# Central Vac tripping AFCI



## telsa (May 22, 2015)

Face it... the commutator may be shot.

If so, then EVERY AFCI is going to 'object.'

Just how old is the blower ?


----------



## MechanicalDVR (Dec 29, 2007)

Sounds like the vac to me.


----------



## Canaduh (Aug 31, 2016)

Damn its only 3 years old


----------



## MechanicalDVR (Dec 29, 2007)

Canaduh said:


> Damn its only 3 years old


Does it get moisture in it?

Does it run for long periods of time and get hot?

Many things can contribute to premature wear.


----------



## chicken steve (Mar 22, 2011)

GE took the GF function out a while ago Canaduh . How big this motor is, and how close is the serving Xformer would be what i'd focus on ~CS~


----------



## Canaduh (Aug 31, 2016)

The vac runs fine on a regular outlet. It trips right away when I start the vac, pretty much instantly on the afci outlet.


----------



## chicken steve (Mar 22, 2011)

Do the lights dim on a '_regular outlet_' Canaduh? ~CS~


----------



## Canaduh (Aug 31, 2016)

chicken steve said:


> Do the lights dim on a '_regular outlet_' Canaduh? ~CS~


No they don't. I was called to this home to deal with the issue of the breaker tripping when the vacuum and garage heater were working at the same time.
The vac installer simply installed the vacuum next to a garage receptacle which is not dedicated. The homeowner has a heater plugged into another outlet for her dogs that she kennels in the garage.

I sold her a dedicated vac outlet and I had to afci it as per new code but it trips instantly. 
I'm thinking about using a current splitter on a regular outlet to see how much current the vac is drawing. I guess I should have known the vac could possibly be failing but it's still a fairly new vac.


----------



## frenchelectrican (Mar 15, 2007)

I am not too suprised with those central vac they can hit high as 12 to 15 amps running depending on the set up.
( based on 120 volt model ) 

They will start pretty fast but the AFCI will not read this type of motor. 

did you try different AFCI breaker ? sometime ya got a bad AFCI breaker as well.


----------



## Canaduh (Aug 31, 2016)

frenchelectrican said:


> I am not too suprised with those central vac they can hit high as 12 to 15 amps running depending on the set up.
> ( based on 120 volt model )
> 
> They will start pretty fast but the AFCI will not read this type of motor.
> ...


No I didnt try I different afci breaker yet. What a pain in my ass this is. The breaker was really hard to find locally for me and if replacing it yields the same results, I am really going to lose on this job.


----------



## matt1124 (Aug 23, 2011)

Canaduh said:


> No I didnt try I different afci breaker yet. What a pain in my ass this is. The breaker was really hard to find locally for me and if replacing it yields the same results, I am really going to lose on this job.

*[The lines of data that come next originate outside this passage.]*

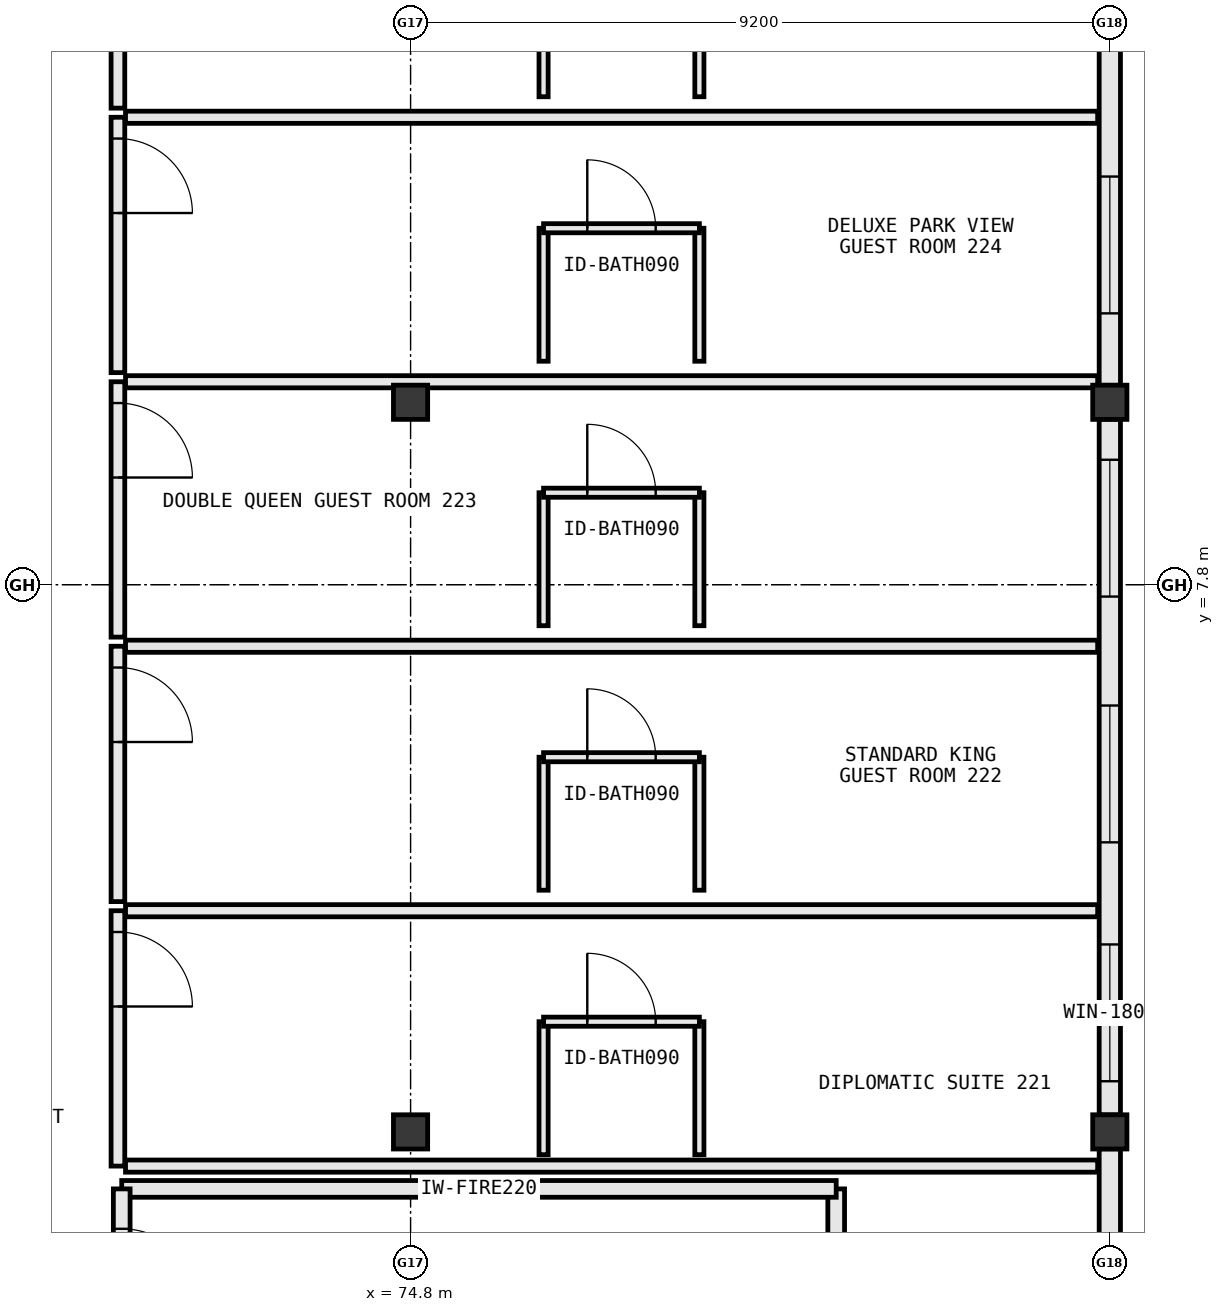
"""IFC4 building model, lengths in metres.
Left out: names, types, materials, properties, quantities, classifications, styles, units other than length and angle.
Written with IfcOpenShell. Run it as: python <this file> out.ifc"""

import sys

from ifc_helpers import new_model, si_unit, direction, frame, frame_2d, origin, origin_2d, place, context, subcontext, project, spatial, rectangle, extrude, element, fill, save


model = new_model("IFC4")
c1 = context("Model", 3, precision=1e-05, world=origin(), true_north=direction((0.0, 1.0)))
c2 = subcontext(c1, "Body", "Model", "MODEL_VIEW")
j1 = project(units=[si_unit("LENGTHUNIT", "METRE"), si_unit("PLANEANGLEUNIT", "RADIAN")], contexts=[c1])
p1 = place(None, origin())
s1 = spatial("IfcSite", under=j1, at=p1, CompositionType="ELEMENT")
p2 = place(p1, origin())
s2 = spatial("IfcBuilding", under=s1, at=p2, CompositionType="ELEMENT")
p3 = place(p2, frame((0.0, 0.0, 31.4)))
s3 = spatial("IfcBuildingStorey", under=s2, at=p3, CompositionType="ELEMENT", Elevation=31.4)
for number, where, z_axis, x_axis in (
    (1, (74.8, 0.6, 0.0), (0.0, 0.0, 1.0), (1.0, 0.0, 0.0)),
    (2, (74.8, 10.2, 0.0), (0.0, 0.0, 1.0), (1.0, 0.0, 0.0)),
    (3, (84.0, 0.6, 0.0), (0.0, 0.0, 1.0), (1.0, 0.0, 0.0)),
    (4, (84.0, 10.2, 0.0), (0.0, 0.0, 1.0), (1.0, 0.0, 0.0)),
):
    element("IfcColumn", number, at=place(p3, frame(where, z_axis=z_axis, x_axis=x_axis)), inside=s3, PredefinedType="COLUMN", context=c2, shape_type="SweptSolid", body=[
        extrude(rectangle(XDim=0.45, YDim=0.45, at=origin_2d()), origin(), (0.0, 0.0, 1.0), 3.8),
    ])
p4 = place(p3, frame((84.0, -8.777, 0.0), z_axis=(0.0, 0.0, 1.0), x_axis=(0.0, 1.0, 0.0)))
e5 = element("IfcWall", 5, at=p4, inside=s3, PredefinedType="STANDARD", context=c2, shape_type="SweptSolid", body=[
    extrude(rectangle(XDim=9.154, YDim=0.28, at=frame_2d((4.577, 0.0))), origin(), (0.0, 0.0, 1.0), 2.97),
])
p5 = place(p4, frame((1.463, 0.0, 0.85)))
e6 = element("IfcOpeningElement", 6, at=p5, cuts=e5, PredefinedType="OPENING", context=c2, shape_type="SweptSolid", body=[
    extrude(rectangle(XDim=1.65, YDim=1.8, at=frame_2d((0.825, 0.9))), frame((0.0, 0.152, 0.0), z_axis=(0.0, -1.0, 0.0), x_axis=(1.0, 0.0, 0.0)), (0.0, 0.0, 1.0), 0.304),
])
p6 = place(p4, frame((6.041, 0.0, 0.85)))
e7 = element("IfcOpeningElement", 7, at=p6, cuts=e5, PredefinedType="OPENING", context=c2, shape_type="SweptSolid", body=[
    extrude(rectangle(XDim=1.65, YDim=1.8, at=frame_2d((0.825, 0.9))), frame((0.0, 0.152, 0.0), z_axis=(0.0, -1.0, 0.0), x_axis=(1.0, 0.0, 0.0)), (0.0, 0.0, 1.0), 0.304),
])
p7 = place(p3, frame((84.0, 0.823, 0.0), z_axis=(0.0, 0.0, 1.0), x_axis=(0.0, 1.0, 0.0)))
e8 = element("IfcWall", 8, at=p7, inside=s3, PredefinedType="STANDARD", context=c2, shape_type="SweptSolid", body=[
    extrude(rectangle(XDim=9.154, YDim=0.28, at=frame_2d((4.577, 0.0))), origin(), (0.0, 0.0, 1.0), 2.97),
])
p8 = place(p7, frame((0.444, 0.0, 0.85)))
e9 = element("IfcOpeningElement", 9, at=p8, cuts=e8, PredefinedType="OPENING", context=c2, shape_type="SweptSolid", body=[
    extrude(rectangle(XDim=1.8, YDim=1.85, at=frame_2d((0.9, 0.925))), frame((0.0, 0.152, 0.0), z_axis=(0.0, -1.0, 0.0), x_axis=(1.0, 0.0, 0.0)), (0.0, 0.0, 1.0), 0.304),
])
p9 = place(p7, frame((3.587, 0.0, 0.85)))
e10 = element("IfcOpeningElement", 10, at=p9, cuts=e8, PredefinedType="OPENING", context=c2, shape_type="SweptSolid", body=[
    extrude(rectangle(XDim=1.8, YDim=1.85, at=frame_2d((0.9, 0.925))), frame((0.0, 0.152, 0.0), z_axis=(0.0, -1.0, 0.0), x_axis=(1.0, 0.0, 0.0)), (0.0, 0.0, 1.0), 0.304),
])
p10 = place(p7, frame((6.821, 0.0, 0.85)))
e11 = element("IfcOpeningElement", 11, at=p10, cuts=e8, PredefinedType="OPENING", context=c2, shape_type="SweptSolid", body=[
    extrude(rectangle(XDim=1.8, YDim=1.85, at=frame_2d((0.9, 0.925))), frame((0.0, 0.152, 0.0), z_axis=(0.0, -1.0, 0.0), x_axis=(1.0, 0.0, 0.0)), (0.0, 0.0, 1.0), 0.304),
])
p11 = place(p3, frame((84.0, 10.423, 0.0), z_axis=(0.0, 0.0, 1.0), x_axis=(0.0, 1.0, 0.0)))
e12 = element("IfcWall", 12, at=p11, inside=s3, PredefinedType="STANDARD", context=c2, shape_type="SweptSolid", body=[
    extrude(rectangle(XDim=7.954, YDim=0.28, at=frame_2d((3.977, 0.0))), origin(), (0.0, 0.0, 1.0), 2.97),
])
p12 = place(p11, frame((0.947, 0.0, 0.85)))
e13 = element("IfcOpeningElement", 13, at=p12, cuts=e12, PredefinedType="OPENING", context=c2, shape_type="SweptSolid", body=[
    extrude(rectangle(XDim=1.8, YDim=1.85, at=frame_2d((0.9, 0.925))), frame((0.0, 0.152, 0.0), z_axis=(0.0, -1.0, 0.0), x_axis=(1.0, 0.0, 0.0)), (0.0, 0.0, 1.0), 0.304),
])
p13 = place(p11, frame((4.427, 0.0, 0.85)))
e14 = element("IfcOpeningElement", 14, at=p13, cuts=e12, PredefinedType="OPENING", context=c2, shape_type="SweptSolid", body=[
    extrude(rectangle(XDim=1.8, YDim=1.85, at=frame_2d((0.9, 0.925))), frame((0.0, 0.152, 0.0), z_axis=(0.0, -1.0, 0.0), x_axis=(1.0, 0.0, 0.0)), (0.0, 0.0, 1.0), 0.304),
])
p14 = place(p3, frame((80.4, -2.25, 0.0), z_axis=(0.0, 0.0, 1.0), x_axis=(0.0, 1.0, 0.0)))
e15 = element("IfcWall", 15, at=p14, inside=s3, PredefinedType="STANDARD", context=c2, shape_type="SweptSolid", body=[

No, you win, the customer wins, and the industry wins. We all would have lost out on this job if you had just put in a plain breaker like any of us handyman types would have done.


----------



## chicken steve (Mar 22, 2011)

This same Vac motor scenario is so prevalent that the NEMA men are using it for classroom CEU material now.

I'm just not buying that an OCPD is manufactured for the failure of other manufactured goods here.

If in fact the '_arcing commutator_' is culprit , the my Hole Hawg should be grand test pilot . Further switching from forward to reverse should create an even *bigger* arc.

I've looked more to the _*spike *_of any given motor, than the arc it can create in recent years, because the _dirty little secret_ of afci technology is the mag trip level incorporated. 

~CS~


----------



## Canaduh (Aug 31, 2016)

Is there some way to test these breakers to see if they're defective? This particular breaker has a test button unlike Siemens and C/H. It's like a toggle switch, pressing left tests for series arc, pressing right tests for parallel arc.
The breakers give no indication of what caused the trip unlike the status led on the siemens and c/h afcis.


----------



## RePhase277 (Feb 5, 2008)

Canaduh said:


> No I didnt try I different afci breaker yet. What a pain in my ass this is. The breaker was really hard to find locally for me and if replacing it yields the same results, I am really going to lose on this job.


You don't have to get another GE breaker to test. Use another AFCI brand that fits the panel, just for testing. If it passes that test, follow these steps below:

1) Install regular GE breaker
2) Leave


----------



## Canaduh (Aug 31, 2016)

RePhase277 said:


> You don't have to get another GE breaker to test. Use another AFCI brand that fits the panel, just for testing. If it passes that test, follow these steps below:
> 
> 1) Install regular GE breaker
> 2) Leave


Lol. This may actually work because I think Siemens fit in the panel. problem is its getting inspected on Monday. If the Siemens swap works, I think I may have to use a dead front and never work on another GE panel again.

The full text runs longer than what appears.